Biosimilars – an overview
DOI:
https://doi.org/10.61096/ijpar.v9.iss2.2020.48-51Keywords:
Biosimilars, Biological products, Biotechnology, Reference productAbstract
Biosimilars are a new class of drugs intended to offer comparable safety and efficacy to the reference. Biologic products are being developed over the past three decades. The expiry of patent protection for many biological medicines has led to the development of biosimilars in UK. Biosimilar or similar biologic use has increased in the recent years following the approval of the first biosimilar in early 2000. India is one of the leading manufacturers of similar biologics. India has developed a new guideline in 2012 for the pre- and post-marketing approval of similar biologics. The overall risk is modest with Biosimilars, but regulatory pathways are required because of structural complexity, manufacturing process and risk for immunogenicity. In the last few years, India has seen a robust development in its biosimilar portfolio.

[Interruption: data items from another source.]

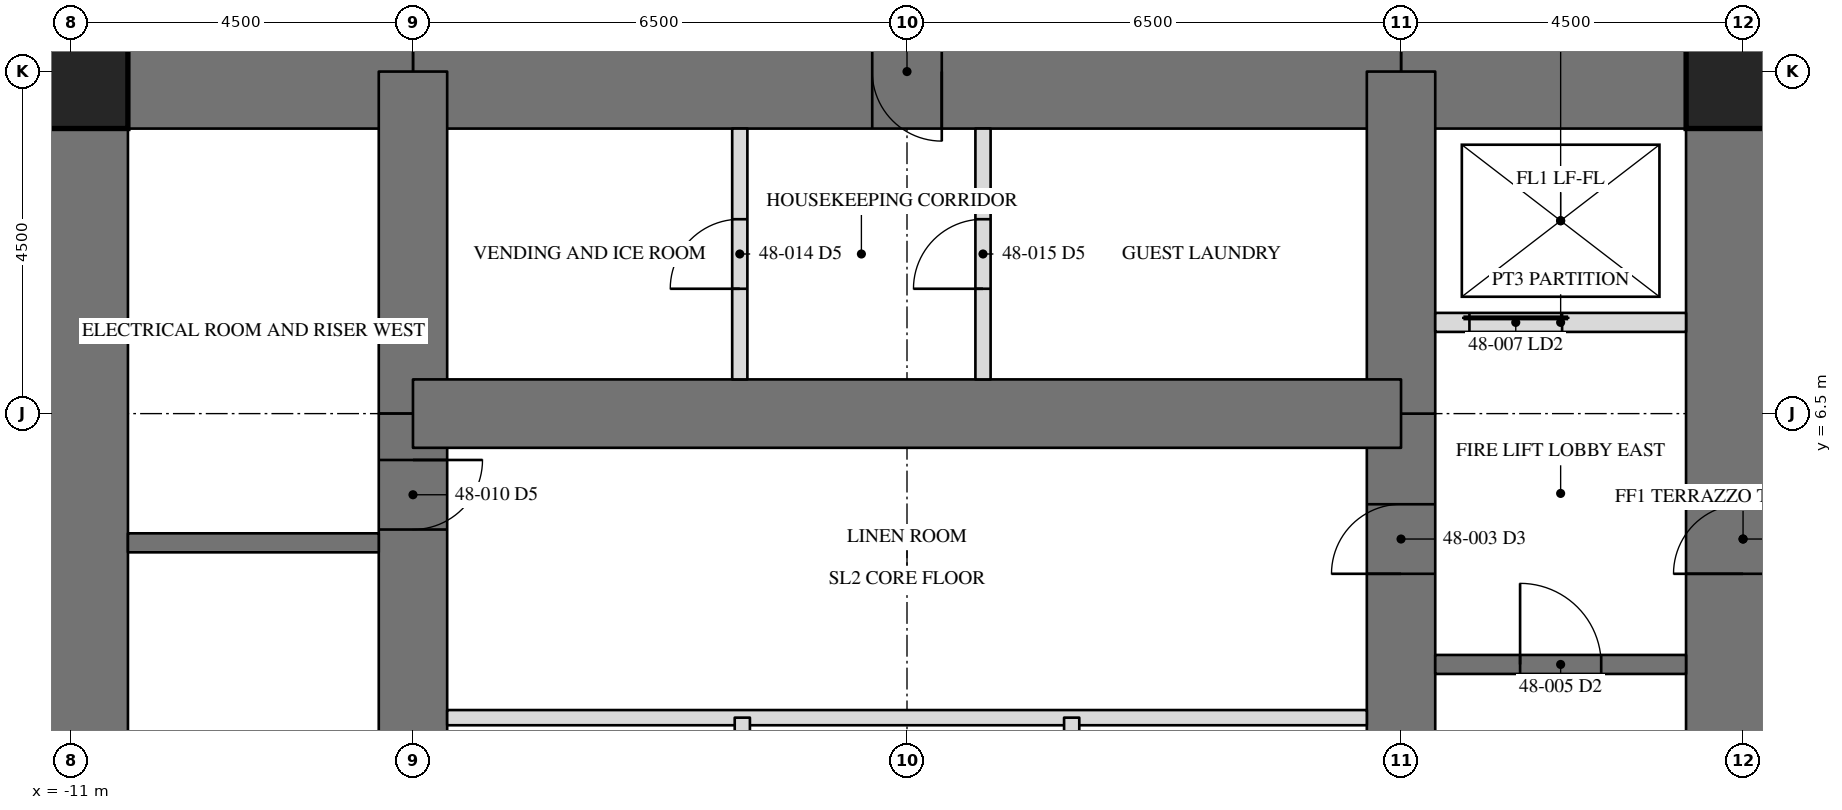
"""IFC4 building model, lengths in metres.
Left out: names, types, materials, properties, quantities, classifications, styles, units other than length and angle.
Written with IfcOpenShell. Run it as: python <this file> out.ifc"""

import sys

from ifc_helpers import new_model, si_unit, direction, frame, frame_2d, origin, origin_2d, place, context, subcontext, project, spatial, rectangle, hollow_rectangle, extrude, element, fill, save


model = new_model("IFC4")
c1 = context("Model", 3, precision=1e-05, world=origin(), true_north=direction((0.0, 1.0)))
c2 = subcontext(c1, "Body", "Model", "MODEL_VIEW")
j1 = project(units=[si_unit("LENGTHUNIT", "METRE"), si_unit("PLANEANGLEUNIT", "RADIAN")], contexts=[c1])
p1 = place(None, origin())
s1 = spatial("IfcSite", under=j1, at=p1, CompositionType="ELEMENT")
p2 = place(p1, origin())
s2 = spatial("IfcBuilding", under=s1, at=p2, CompositionType="ELEMENT")
p3 = place(p2, frame((0.0, 0.0, 204.7)))
s3 = spatial("IfcBuildingStorey", under=s2, at=p3, CompositionType="ELEMENT", Elevation=204.7)
p4 = place(p3, frame((11.0, -11.0, 0.0), z_axis=(0.0, 0.0, 1.0), x_axis=(0.0, 1.0, 0.0)))
e1 = element("IfcWall", 1, at=p4, inside=s3, PredefinedType="SHEAR", context=c2, shape_type="SweptSolid", body=[
    extrude(rectangle(XDim=22.0, YDim=1.5, at=frame_2d((11.0, 0.0))), origin(), (0.0, 0.0, 1.0), 3.5),
])
p5 = place(p4, frame((15.393, 0.0, 0.0)))
e2 = element("IfcOpeningElement", 2, at=p5, cuts=e1, PredefinedType="OPENING", context=c2, shape_type="SweptSolid", body=[
    extrude(rectangle(XDim=0.915, YDim=2.134, at=frame_2d((0.458, 1.067))), frame((0.0, 0.76, 0.0), z_axis=(0.0, -1.0, 0.0), x_axis=(1.0, 0.0, 0.0)), (0.0, 0.0, 1.0), 1.52),
])
p6 = place(p3, frame((-11.0, 11.0, 0.0), z_axis=(0.0, 0.0, 1.0), x_axis=(0.0, -1.0, 0.0)))
e3 = element("IfcWall", 3, at=p6, inside=s3, PredefinedType="SHEAR", context=c2, shape_type="SweptSolid", body=[
    extrude(rectangle(XDim=22.0, YDim=1.5, at=frame_2d((11.0, 0.0))), origin(), (0.0, 0.0, 1.0), 3.5),
])
p7 = place(p6, frame((15.393, 0.0, 0.0)))
e4 = element("IfcOpeningElement", 4, at=p7, cuts=e3, PredefinedType="OPENING", context=c2, shape_type="SweptSolid", body=[
    extrude(rectangle(XDim=0.915, YDim=2.134, at=frame_2d((0.458, 1.067))), frame((0.0, 0.76, 0.0), z_axis=(0.0, -1.0, 0.0), x_axis=(1.0, 0.0, 0.0)), (0.0, 0.0, 1.0), 1.52),
])
p8 = place(p3, frame((11.0, 11.0, 0.0), z_axis=(0.0, 0.0, 1.0), x_axis=(-1.0, 0.0, 0.0)))
e5 = element("IfcWall", 5, at=p8, inside=s3, PredefinedType="SHEAR", context=c2, shape_type="SweptSolid", body=[
    extrude(rectangle(XDim=4.5, YDim=1.5, at=frame_2d((2.25, 0.0))), origin(), (0.0, 0.0, 1.0), 3.5),
])
p9 = place(p3, frame((6.5, 11.0, 0.0), z_axis=(0.0, 0.0, 1.0), x_axis=(-1.0, 0.0, 0.0)))
e6 = element("IfcWall", 6, at=p9, inside=s3, PredefinedType="SHEAR", context=c2, shape_type="SweptSolid", body=[
    extrude(rectangle(XDim=13.0, YDim=1.5, at=frame_2d((6.5, 0.0))), origin(), (0.0, 0.0, 1.0), 3.5),
])
p10 = place(p9, frame((6.042, 0.0, 0.0)))
e7 = element("IfcOpeningElement", 7, at=p10, cuts=e6, PredefinedType="OPENING", context=c2, shape_type="SweptSolid", body=[
    extrude(rectangle(XDim=0.915, YDim=2.134, at=frame_2d((0.458, 1.067))), frame((0.0, 0.76, 0.0), z_axis=(0.0, -1.0, 0.0), x_axis=(1.0, 0.0, 0.0)), (0.0, 0.0, 1.0), 1.52),
])
p11 = place(p3, frame((-6.5, 11.0, 0.0), z_axis=(0.0, 0.0, 1.0), x_axis=(-1.0, 0.0, 0.0)))
e8 = element("IfcWall", 8, at=p11, inside=s3, PredefinedType="SHEAR", context=c2, shape_type="SweptSolid", body=[
    extrude(rectangle(XDim=4.5, YDim=1.5, at=frame_2d((2.25, 0.0))), origin(), (0.0, 0.0, 1.0), 3.5),
])
p12 = place(p3, frame((6.5, -6.5, 0.0), z_axis=(0.0, 0.0, 1.0), x_axis=(0.0, 1.0, 0.0)))
e9 = element("IfcWall", 9, at=p12, inside=s3, PredefinedType="SHEAR", context=c2, shape_type="SweptSolid", body=[
    extrude(rectangle(XDim=13.0, YDim=0.9, at=frame_2d((6.5, 0.0))), origin(), (0.0, 0.0, 1.0), 3.5),
])
p13 = place(p12, frame((10.893, 0.0, 0.0)))
e10 = element("IfcOpeningElement", 10, at=p13, cuts=e9, PredefinedType="OPENING", context=c2, shape_type="SweptSolid", body=[
    extrude(rectangle(XDim=0.915, YDim=2.134, at=frame_2d((0.458, 1.067))), frame((0.0, 0.46, 0.0), z_axis=(0.0, -1.0, 0.0), x_axis=(1.0, 0.0, 0.0)), (0.0, 0.0, 1.0), 0.92),
])
p14 = place(p12, frame((0.61, 0.0, 0.0)))
e11 = element("IfcOpeningElement", 11, at=p14, cuts=e9, PredefinedType="OPENING", context=c2, shape_type="SweptSolid", body=[
    extrude(rectangle(XDim=0.915, YDim=2.134, at=frame_2d((0.458, 1.067))), frame((0.0, 0.46, 0.0), z_axis=(0.0, -1.0, 0.0), x_axis=(1.0, 0.0, 0.0)), (0.0, 0.0, 1.0), 0.92),
])
for number, where, z_axis, x_axis in (
    (12, (6.5, 6.5, 0.0), (0.0, 0.0, 1.0), (0.0, 1.0, 0.0)),
    (13, (-6.5, 11.0, 0.0), (0.0, 0.0, 1.0), (0.0, -1.0, 0.0)),
):
    element("IfcWall", number, at=place(p3, frame(where, z_axis=z_axis, x_axis=x_axis)), inside=s3, PredefinedType="SHEAR", context=c2, shape_type="SweptSolid", body=[
        extrude(rectangle(XDim=4.5, YDim=0.9, at=frame_2d((2.25, 0.0))), origin(), (0.0, 0.0, 1.0), 3.5),
    ])
p15 = place(p3, frame((-6.5, 6.5, 0.0), z_axis=(0.0, 0.0, 1.0), x_axis=(0.0, -1.0, 0.0)))
e14 = element("IfcWall", 14, at=p15, inside=s3, PredefinedType="SHEAR", context=c2, shape_type="SweptSolid", body=[
    extrude(rectangle(XDim=13.0, YDim=0.9, at=frame_2d((6.5, 0.0))), origin(), (0.0, 0.0, 1.0), 3.5),
])
p16 = place(p15, frame((10.893, 0.0, 0.0)))
e15 = element("IfcOpeningElement", 15, at=p16, cuts=e14, PredefinedType="OPENING", context=c2, shape_type="SweptSolid", body=[
    extrude(rectangle(XDim=0.915, YDim=2.134, at=frame_2d((0.458, 1.067))), frame((0.0, 0.46, 0.0), z_axis=(0.0, -1.0, 0.0), x_axis=(1.0, 0.0, 0.0)), (0.0, 0.0, 1.0), 0.92),
])
p17 = place(p15, frame((0.61, 0.0, 0.0)))
e16 = element("IfcOpeningElement", 16, at=p17, cuts=e14, PredefinedType="OPENING", context=c2, shape_type="SweptSolid", body=[
    extrude(rectangle(XDim=0.915, YDim=2.134, at=frame_2d((0.458, 1.067))), frame((0.0, 0.46, 0.0), z_axis=(0.0, -1.0, 0.0), x_axis=(1.0, 0.0, 0.0)), (0.0, 0.0, 1.0), 0.92),
])
p18 = place(p3, frame((6.5, 6.5, 0.0), z_axis=(0.0, 0.0, 1.0), x_axis=(-1.0, 0.0, 0.0)))
e17 = element("IfcWall", 17, at=p18, inside=s3, PredefinedType="SHEAR", context=c2, shape_type="SweptSolid", body=[
    extrude(rectangle(XDim=13.0, YDim=0.9, at=frame_2d((6.5, 0.0))), origin(), (0.0, 0.0, 1.0), 3.5),
])
for number, where, z_axis, x_axis in (
    (18, (11.0, 11.0, 0.0), (0.0, 0.0, 1.0), (1.0, 0.0, 0.0)),
    (19, (-11.0, 11.0, 0.0), (0.0, 0.0, 1.0), (1.0, 0.0, 0.0)),
):
    element("IfcColumn", number, at=place(p3, frame(where, z_axis=z_axis, x_axis=x_axis)), inside=s3, PredefinedType="COLUMN", context=c2, shape_type="SweptSolid", body=[
        extrude(hollow_rectangle(XDim=1.499, YDim=1.499, WallThickness=0.102, at=origin_2d()), origin(), (0.0, 0.0, 1.0), 3.5),
    ])
p19 = place(p3, frame((-6.95, 4.8, 0.0), z_axis=(0.0, 0.0, 1.0), x_axis=(-1.0, 0.0, 0.0)))
e20 = element("IfcWall", 20, at=p19, inside=s3, PredefinedType="SOLIDWALL", context=c2, shape_type="SweptSolid", body=[
    extrude(rectangle(XDim=3.3, YDim=0.25, at=frame_2d((1.65, 0.0))), origin(), (0.0, 0.0, 1.0), 3.31),
])
p20 = place(p3, frame((6.95, 3.2, 0.0), z_axis=(0.0, 0.0, 1.0), x_axis=(1.0, 0.0, 0.0)))
e21 = element("IfcWall", 21, at=p20, inside=s3, PredefinedType="SOLIDWALL", context=c2, shape_type="SweptSolid", body=[
    extrude(rectangle(XDim=3.3, YDim=0.25, at=frame_2d((1.65, 0.0))), origin(), (0.0, 0.0, 1.0), 3.31),
])
p21 = place(p20, frame((1.116, 0.0, 0.0)))
e22 = element("IfcOpeningElement", 22, at=p21, cuts=e21, PredefinedType="OPENING", context=c2, shape_type="SweptSolid", body=[
    extrude(rectangle(XDim=1.067, YDim=2.134, at=frame_2d((0.533, 1.067))), frame((0.0, 0.135, 0.0), z_axis=(0.0, -1.0, 0.0), x_axis=(1.0, 0.0, 0.0)), (0.0, 0.0, 1.0), 0.27),
])
p22 = place(p3, frame((6.95, 7.7, 0.0), z_axis=(0.0, 0.0, 1.0), x_axis=(1.0, 0.0, 0.0)))
e23 = element("IfcWall", 23, at=p22, inside=s3, PredefinedType="PARTITIONING", context=c2, shape_type="SweptSolid", body=[
    extrude(rectangle(XDim=3.3, YDim=0.25, at=frame_2d((1.65, 0.0))), origin(), (0.0, 0.0, 1.0), 3.31),
])
p23 = place(p22, frame((0.45, 0.0, 0.0)))
e24 = element("IfcOpeningElement", 24, at=p23, cuts=e23, PredefinedType="OPENING", context=c2, shape_type="SweptSolid", body=[
    extrude(rectangle(XDim=1.219, YDim=2.134, at=frame_2d((0.609, 1.067))), frame((0.0, 0.135, 0.0), z_axis=(0.0, -1.0, 0.0), x_axis=(1.0, 0.0, 0.0)), (0.0, 0.0, 1.0), 0.27),
])
p24 = place(p3, frame((-6.05, 2.5, 0.0), z_axis=(0.0, 0.0, 1.0), x_axis=(1.0, 0.0, 0.0)))
e25 = element("IfcWall", 25, at=p24, inside=s3, PredefinedType="PARTITIONING", context=c2, shape_type="SweptSolid", body=[
    extrude(rectangle(XDim=12.1, YDim=0.2, at=frame_2d((6.05, 0.0))), origin(), (0.0, 0.0, 1.0), 3.31),
])
for number, where, z_axis, x_axis in (
    (26, (-2.167, -2.5, 0.0), (0.0, 0.0, 1.0), (0.0, 1.0, 0.0)),
    (27, (2.167, -2.5, 0.0), (0.0, 0.0, 1.0), (0.0, 1.0, 0.0)),
):
    element("IfcWall", number, at=place(p3, frame(where, z_axis=z_axis, x_axis=x_axis)), inside=s3, PredefinedType="PARTITIONING", context=c2, shape_type="SweptSolid", body=[
        extrude(rectangle(XDim=5.0, YDim=0.2, at=frame_2d((2.5, 0.0))), origin(), (0.0, 0.0, 1.0), 3.31),
    ])
p25 = place(p3, frame((-2.2, 6.95, 0.0), z_axis=(0.0, 0.0, 1.0), x_axis=(0.0, 1.0, 0.0)))
e28 = element("IfcWall", 28, at=p25, inside=s3, PredefinedType="PARTITIONING", context=c2, shape_type="SweptSolid", body=[
    extrude(rectangle(XDim=3.3, YDim=0.2, at=frame_2d((1.65, 0.0))), origin(), (0.0, 0.0, 1.0), 3.31),
])
p26 = place(p25, frame((1.192, 0.0, 0.0)))
e29 = element("IfcOpeningElement", 29, at=p26, cuts=e28, PredefinedType="OPENING", context=c2, shape_type="SweptSolid", body=[
    extrude(rectangle(XDim=0.915, YDim=2.134, at=frame_2d((0.458, 1.067))), frame((0.0, 0.11, 0.0), z_axis=(0.0, -1.0, 0.0), x_axis=(1.0, 0.0, 0.0)), (0.0, 0.0, 1.0), 0.22),
])
p27 = place(p3, frame((1.0, 6.95, 0.0), z_axis=(0.0, 0.0, 1.0), x_axis=(0.0, 1.0, 0.0)))
e30 = element("IfcWall", 30, at=p27, inside=s3, PredefinedType="PARTITIONING", context=c2, shape_type="SweptSolid", body=[
    extrude(rectangle(XDim=3.3, YDim=0.2, at=frame_2d((1.65, 0.0))), origin(), (0.0, 0.0, 1.0), 3.31),
])
p28 = place(p27, frame((1.192, 0.0, 0.0)))
e31 = element("IfcOpeningElement", 31, at=p28, cuts=e30, PredefinedType="OPENING", context=c2, shape_type="SweptSolid", body=[
    extrude(rectangle(XDim=0.915, YDim=2.134, at=frame_2d((0.458, 1.067))), frame((0.0, 0.11, 0.0), z_axis=(0.0, -1.0, 0.0), x_axis=(1.0, 0.0, 0.0)), (0.0, 0.0, 1.0), 0.22),
])
p29 = place(p13, origin())
e32 = element("IfcDoor", 32, at=p29, inside=s3, OperationType="SINGLE_SWING_RIGHT", PredefinedType="DOOR", context=c2, shape_type="SweptSolid", body=[
    extrude(rectangle(XDim=0.915, YDim=2.134, at=frame_2d((0.458, 1.067))), frame((0.0, -0.375, 0.0), z_axis=(0.0, -1.0, 0.0), x_axis=(1.0, 0.0, 0.0)), (0.0, 0.0, 1.0), 0.05),
])
fill(e10, e32)
p30 = place(p21, origin())
e33 = element("IfcDoor", 33, at=p30, inside=s3, OperationType="SINGLE_SWING_LEFT", PredefinedType="DOOR", context=c2, shape_type="SweptSolid", body=[
    extrude(rectangle(XDim=1.067, YDim=2.134, at=frame_2d((0.533, 1.067))), frame((0.0, 0.025, 0.0), z_axis=(0.0, -1.0, 0.0), x_axis=(1.0, 0.0, 0.0)), (0.0, 0.0, 1.0), 0.05),
])
fill(e22, e33)
p31 = place(p23, origin())
e34 = element("IfcDoor", 34, at=p31, inside=s3, OperationType="SLIDING_TO_LEFT", PredefinedType="DOOR", context=c2, shape_type="SweptSolid", body=[
    extrude(rectangle(XDim=1.219, YDim=2.134, at=frame_2d((0.609, 1.067))), frame((0.0, 0.025, 0.0), z_axis=(0.0, -1.0, 0.0), x_axis=(1.0, 0.0, 0.0)), (0.0, 0.0, 1.0), 0.05),
])
fill(e24, e34)
p32 = place(p17, origin())
e35 = element("IfcDoor", 35, at=p32, inside=s3, OperationType="SINGLE_SWING_RIGHT", PredefinedType="DOOR", context=c2, shape_type="SweptSolid", body=[
    extrude(rectangle(XDim=0.915, YDim=2.134, at=frame_2d((0.458, 1.067))), frame((0.0, -0.375, 0.0), z_axis=(0.0, -1.0, 0.0), x_axis=(1.0, 0.0, 0.0)), (0.0, 0.0, 1.0), 0.05),
])
fill(e16, e35)
p33 = place(p10, origin())
e36 = element("IfcDoor", 36, at=p33, inside=s3, OperationType="SINGLE_SWING_RIGHT", PredefinedType="DOOR", context=c2, shape_type="SweptSolid", body=[
    extrude(rectangle(XDim=0.915, YDim=2.134, at=frame_2d((0.458, 1.067))), frame((0.0, 0.025, 0.0), z_axis=(0.0, -1.0, 0.0), x_axis=(1.0, 0.0, 0.0)), (0.0, 0.0, 1.0), 0.05),
])
fill(e7, e36)
p34 = place(p26, origin())
e37 = element("IfcDoor", 37, at=p34, inside=s3, OperationType="SINGLE_SWING_RIGHT", PredefinedType="DOOR", context=c2, shape_type="SweptSolid", body=[
    extrude(rectangle(XDim=0.915, YDim=2.134, at=frame_2d((0.458, 1.067))), frame((0.0, 0.025, 0.0), z_axis=(0.0, -1.0, 0.0), x_axis=(1.0, 0.0, 0.0)), (0.0, 0.0, 1.0), 0.05),
])
fill(e29, e37)
p35 = place(p28, origin())
e38 = element("IfcDoor", 38, at=p35, inside=s3, OperationType="SINGLE_SWING_RIGHT", PredefinedType="DOOR", context=c2, shape_type="SweptSolid", body=[
    extrude(rectangle(XDim=0.915, YDim=2.134, at=frame_2d((0.458, 1.067))), frame((0.0, 0.025, 0.0), z_axis=(0.0, -1.0, 0.0), x_axis=(1.0, 0.0, 0.0)), (0.0, 0.0, 1.0), 0.05),
])
fill(e31, e38)
save(model, sys.argv[1])

The Indian biosimilar market is composed for big growth, by the launch of new products and growing acceptance of biosimilar. India’s top manufacturers are also entering the biosimilars market, with more than 50 biosimilar products approved by the Central Drugs Standard Control Organization (CDSCO). This review shows the evolution of biosimilar development regarding regulatory, manufacturing bioprocess, comparability, and marketing.